Sarvam’s product lineup now includes:
– Sarvam-1 / Sarvam 2B (Indic-first LLM)
– Sarvam Agents and Sarvam Samvaad (multilingual conversational AI)
– Sarvam Translate (22-language translation)
– Sarvam-M (reasoning + Indic model)
– Sarvam Vision (OCR & visual understanding)
– Bulbul V3 (TTS)
Let’s deep dive into Key Products and Technologies
Sarvam AI has developed a comprehensive suite of generative AI tools, many of which are open-source or open-weights to encourage ecosystem collaboration.
Sarvam-1 (often referred to as Sarvam 2B): Released in 2024, this 2-billion-parameter LLM was trained on a proprietary dataset of 4 trillion tokens, optimized for 10 Indian languages with a focus on efficiency and cost-effectiveness.

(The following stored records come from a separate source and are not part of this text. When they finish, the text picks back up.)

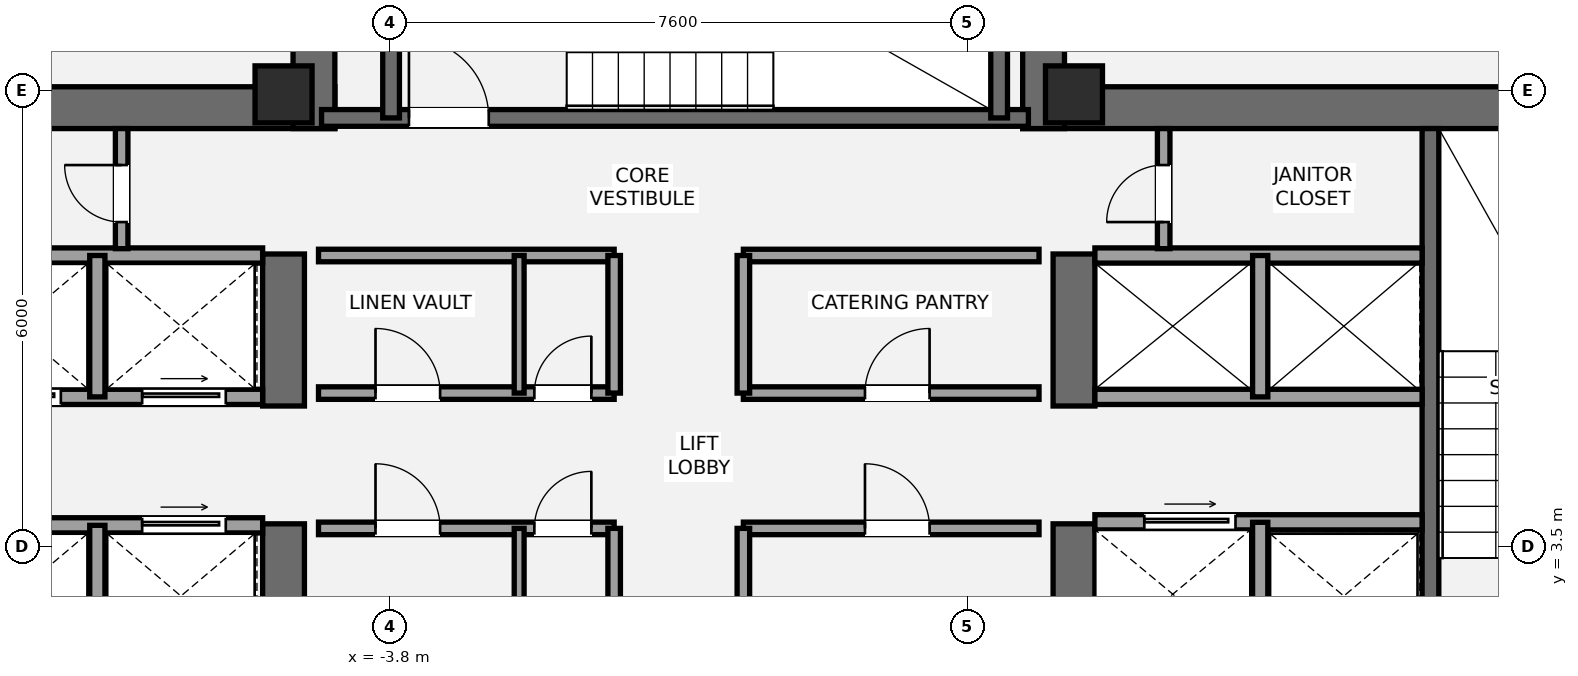
"""IFC4 building model, lengths in metres.
Left out: names, types, materials, properties, quantities, classifications, styles, units other than length and angle.
Written with IfcOpenShell. Run it as: python <this file> out.ifc"""

import sys

from ifc_helpers import new_model, si_unit, direction, frame, frame_2d, origin, origin_2d, place, context, subcontext, project, spatial, rectangle, extrude, element, fill, save


model = new_model("IFC4")
c1 = context("Model", 3, precision=1e-05, world=origin(), true_north=direction((0.0, 1.0)))
c2 = subcontext(c1, "Body", "Model", "MODEL_VIEW")
j1 = project(units=[si_unit("LENGTHUNIT", "METRE"), si_unit("PLANEANGLEUNIT", "RADIAN")], contexts=[c1])
p1 = place(None, origin())
s1 = spatial("IfcSite", under=j1, at=p1, CompositionType="ELEMENT")
p2 = place(p1, origin())
s2 = spatial("IfcBuilding", under=s1, at=p2, CompositionType="ELEMENT")
p3 = place(p2, frame((0.0, 0.0, 210.0)))
s3 = spatial("IfcBuildingStorey", under=s2, at=p3, CompositionType="ELEMENT", Elevation=210.0)
p4 = place(p3, frame((-13.7, 9.275, 0.0), z_axis=(0.0, 0.0, 1.0), x_axis=(1.0, 0.0, 0.0)))
e1 = element("IfcWall", 1, at=p4, inside=s3, PredefinedType="SHEAR", context=c2, shape_type="SweptSolid", body=[
    extrude(rectangle(XDim=9.175, YDim=0.55, at=frame_2d((4.587, 0.0))), origin(), (0.0, 0.0, 1.0), 3.15),
])
p5 = place(p3, frame((-5.2, 1.3, 0.0), z_axis=(0.0, 0.0, 1.0), x_axis=(0.0, 1.0, 0.0)))
e2 = element("IfcWall", 2, at=p5, inside=s3, PredefinedType="SHEAR", context=c2, shape_type="SweptSolid", body=[
    extrude(rectangle(XDim=2.5, YDim=0.55, at=frame_2d((1.25, 0.0))), origin(), (0.0, 0.0, 1.0), 3.15),
])
p6 = place(p3, frame((-5.2, 5.35, 0.0), z_axis=(0.0, 0.0, 1.0), x_axis=(0.0, 1.0, 0.0)))
e3 = element("IfcWall", 3, at=p6, inside=s3, PredefinedType="SHEAR", context=c2, shape_type="SweptSolid", body=[
    extrude(rectangle(XDim=2.0, YDim=0.55, at=frame_2d((1.0, 0.0))), origin(), (0.0, 0.0, 1.0), 3.15),
])
p7 = place(p3, frame((4.525, 9.275, 0.0), z_axis=(0.0, 0.0, 1.0), x_axis=(1.0, 0.0, 0.0)))
e4 = element("IfcWall", 4, at=p7, inside=s3, PredefinedType="SHEAR", context=c2, shape_type="SweptSolid", body=[
    extrude(rectangle(XDim=9.175, YDim=0.55, at=frame_2d((4.587, 0.0))), origin(), (0.0, 0.0, 1.0), 3.15),
])
p8 = place(p3, frame((5.2, 1.3, 0.0), z_axis=(0.0, 0.0, 1.0), x_axis=(0.0, 1.0, 0.0)))
e5 = element("IfcWall", 5, at=p8, inside=s3, PredefinedType="SHEAR", context=c2, shape_type="SweptSolid", body=[
    extrude(rectangle(XDim=2.5, YDim=0.55, at=frame_2d((1.25, 0.0))), origin(), (0.0, 0.0, 1.0), 3.15),
])
p9 = place(p3, frame((5.2, 5.35, 0.0), z_axis=(0.0, 0.0, 1.0), x_axis=(0.0, 1.0, 0.0)))
e6 = element("IfcWall", 6, at=p9, inside=s3, PredefinedType="SHEAR", context=c2, shape_type="SweptSolid", body=[
    extrude(rectangle(XDim=2.0, YDim=0.55, at=frame_2d((1.0, 0.0))), origin(), (0.0, 0.0, 1.0), 3.15),
])
p10 = place(p3, frame((9.89, 1.85, 0.0), z_axis=(0.0, 0.0, 1.0), x_axis=(0.0, 1.0, 0.0)))
e7 = element("IfcWall", 7, at=p10, inside=s3, PredefinedType="SHEAR", context=c2, shape_type="SweptSolid", body=[
    extrude(rectangle(XDim=7.15, YDim=0.22, at=frame_2d((3.575, 0.0))), origin(), (0.0, 0.0, 1.0), 3.15),
])
for number, where, z_axis, x_axis in (
    (8, (-4.8, 9.0, 0.0), (0.0, 0.0, 1.0), (0.0, 1.0, 0.0)),
    (9, (4.8, 9.0, 0.0), (0.0, 0.0, 1.0), (0.0, 1.0, 0.0)),
):
    element("IfcWall", number, at=place(p3, frame(where, z_axis=z_axis, x_axis=x_axis)), inside=s3, PredefinedType="SHEAR", context=c2, shape_type="SweptSolid", body=[
        extrude(rectangle(XDim=3.95, YDim=0.55, at=frame_2d((1.975, 0.0))), origin(), (0.0, 0.0, 1.0), 3.15),
    ])
p11 = place(p3, frame((-4.7, 9.14, 0.0), z_axis=(0.0, 0.0, 1.0), x_axis=(1.0, 0.0, 0.0)))
e10 = element("IfcWall", 10, at=p11, inside=s3, PredefinedType="SHEAR", context=c2, shape_type="SweptSolid", body=[
    extrude(rectangle(XDim=9.3, YDim=0.22, at=frame_2d((4.65, 0.0))), origin(), (0.0, 0.0, 1.0), 3.15),
])
p12 = place(p11, frame((1.15, 0.0, 0.0)))
e11 = element("IfcOpeningElement", 11, at=p12, cuts=e10, PredefinedType="OPENING", context=c2, shape_type="SweptSolid", body=[
    extrude(rectangle(XDim=1.05, YDim=2.15, at=frame_2d((0.525, 1.075))), frame((0.0, 0.12, 0.0), z_axis=(0.0, -1.0, 0.0), x_axis=(1.0, 0.0, 0.0)), (0.0, 0.0, 1.0), 0.24),
])
for number, where, z_axis, x_axis in (
    (12, (-3.785, 9.14, 0.0), (0.0, 0.0, 1.0), (0.0, 1.0, 0.0)),
    (13, (4.215, 9.14, 0.0), (0.0, 0.0, 1.0), (0.0, 1.0, 0.0)),
):
    element("IfcWall", number, at=place(p3, frame(where, z_axis=z_axis, x_axis=x_axis)), inside=s3, PredefinedType="SHEAR", context=c2, shape_type="SweptSolid", body=[
        extrude(rectangle(XDim=3.26, YDim=0.22, at=frame_2d((1.63, 0.0))), origin(), (0.0, 0.0, 1.0), 3.15),
    ])
for number, where, z_axis, x_axis in (
    (14, (-5.2, 9.45, 0.0), (0.0, 0.0, 1.0), (1.0, 0.0, 0.0)),
    (15, (5.2, 9.45, 0.0), (0.0, 0.0, 1.0), (1.0, 0.0, 0.0)),
):
    element("IfcColumn", number, at=place(p3, frame(where, z_axis=z_axis, x_axis=x_axis)), inside=s3, PredefinedType="PILASTER", context=c2, shape_type="SweptSolid", body=[
        extrude(rectangle(XDim=0.75, YDim=0.75, at=origin_2d()), origin(), (0.0, 0.0, 1.0), 3.15),
    ])
p13 = place(p3, frame((-9.78, 3.78, 0.0), z_axis=(0.0, 0.0, 1.0), x_axis=(1.0, 0.0, 0.0)))
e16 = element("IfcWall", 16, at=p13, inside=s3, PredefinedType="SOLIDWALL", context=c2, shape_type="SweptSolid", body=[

Sarvam Agents and Sarvam Samvaad: Conversational AI platforms supporting 11 Indian languages across multiple channels (voice calls, WhatsApp, web, and apps). These tools provide natural dialogue, analytics, and business insights.
Bulbul V3: Launched on February 5, 2026, this advanced text-to-speech (TTS) model delivers natural, expressive, and production-ready voices across Indian languages, regional accents, and scripts. It supports high-fidelity audio (up to 48 kHz) and has been praised for outperforming global benchmarks in listener preference and naturalness. Developers received unlimited API access through February 28, 2026, as part of a promotional rollout.
Sarvam Vision: A multimodal model (approximately 3 billion parameters) for optical character recognition (OCR), layout understanding, and visual reasoning in 22 Indian languages. As of February 2026, it has demonstrated superior performance over models like Google Gemini, ChatGPT, and Anthropic Claude in Indic-specific OCR benchmarks.
Sarvam Translate: An open-weights translation model handling 22 Indic languages, including formal, colloquial, and mixed contexts.
Sarvam-M: A hybrid model fine-tuned for Indic languages alongside reasoning tasks such as mathematics and programming.
Additional offerings include Sarvam Audio (speech recognition) and Sarvam Dub (dubbing for Indian languages).
These products prioritize affordability, low-latency performance, and integration with Indian digital ecosystems.
By prioritizing open-weights models and deep Indic optimization, Sarvam is positioning itself as a cornerstone of India’s sovereign AI strategy, reducing dependence on foreign infrastructure while making advanced AI accessible to India’s non-English-speaking majority.
Broader Implications for India’s AI Future
This latest release not only demonstrates technical excellence but also reinforces India’s ambition to lead in context-aware, inclusive AI for emerging economies. As Sarvam prepares to showcase its full ecosystem at theIndia AI Impact Summit 2026 (February 16–20, New Delhi), these developments highlight the country’s growing ability to build world-class AI solutions that address local needs while competing globally.
With continued government backing, strategic infrastructure investments, and increasing international recognition, Sarvam AI is helping shape a future where India is not just a consumer of AI, but a leading creator of sovereign, culturally attuned intelligence.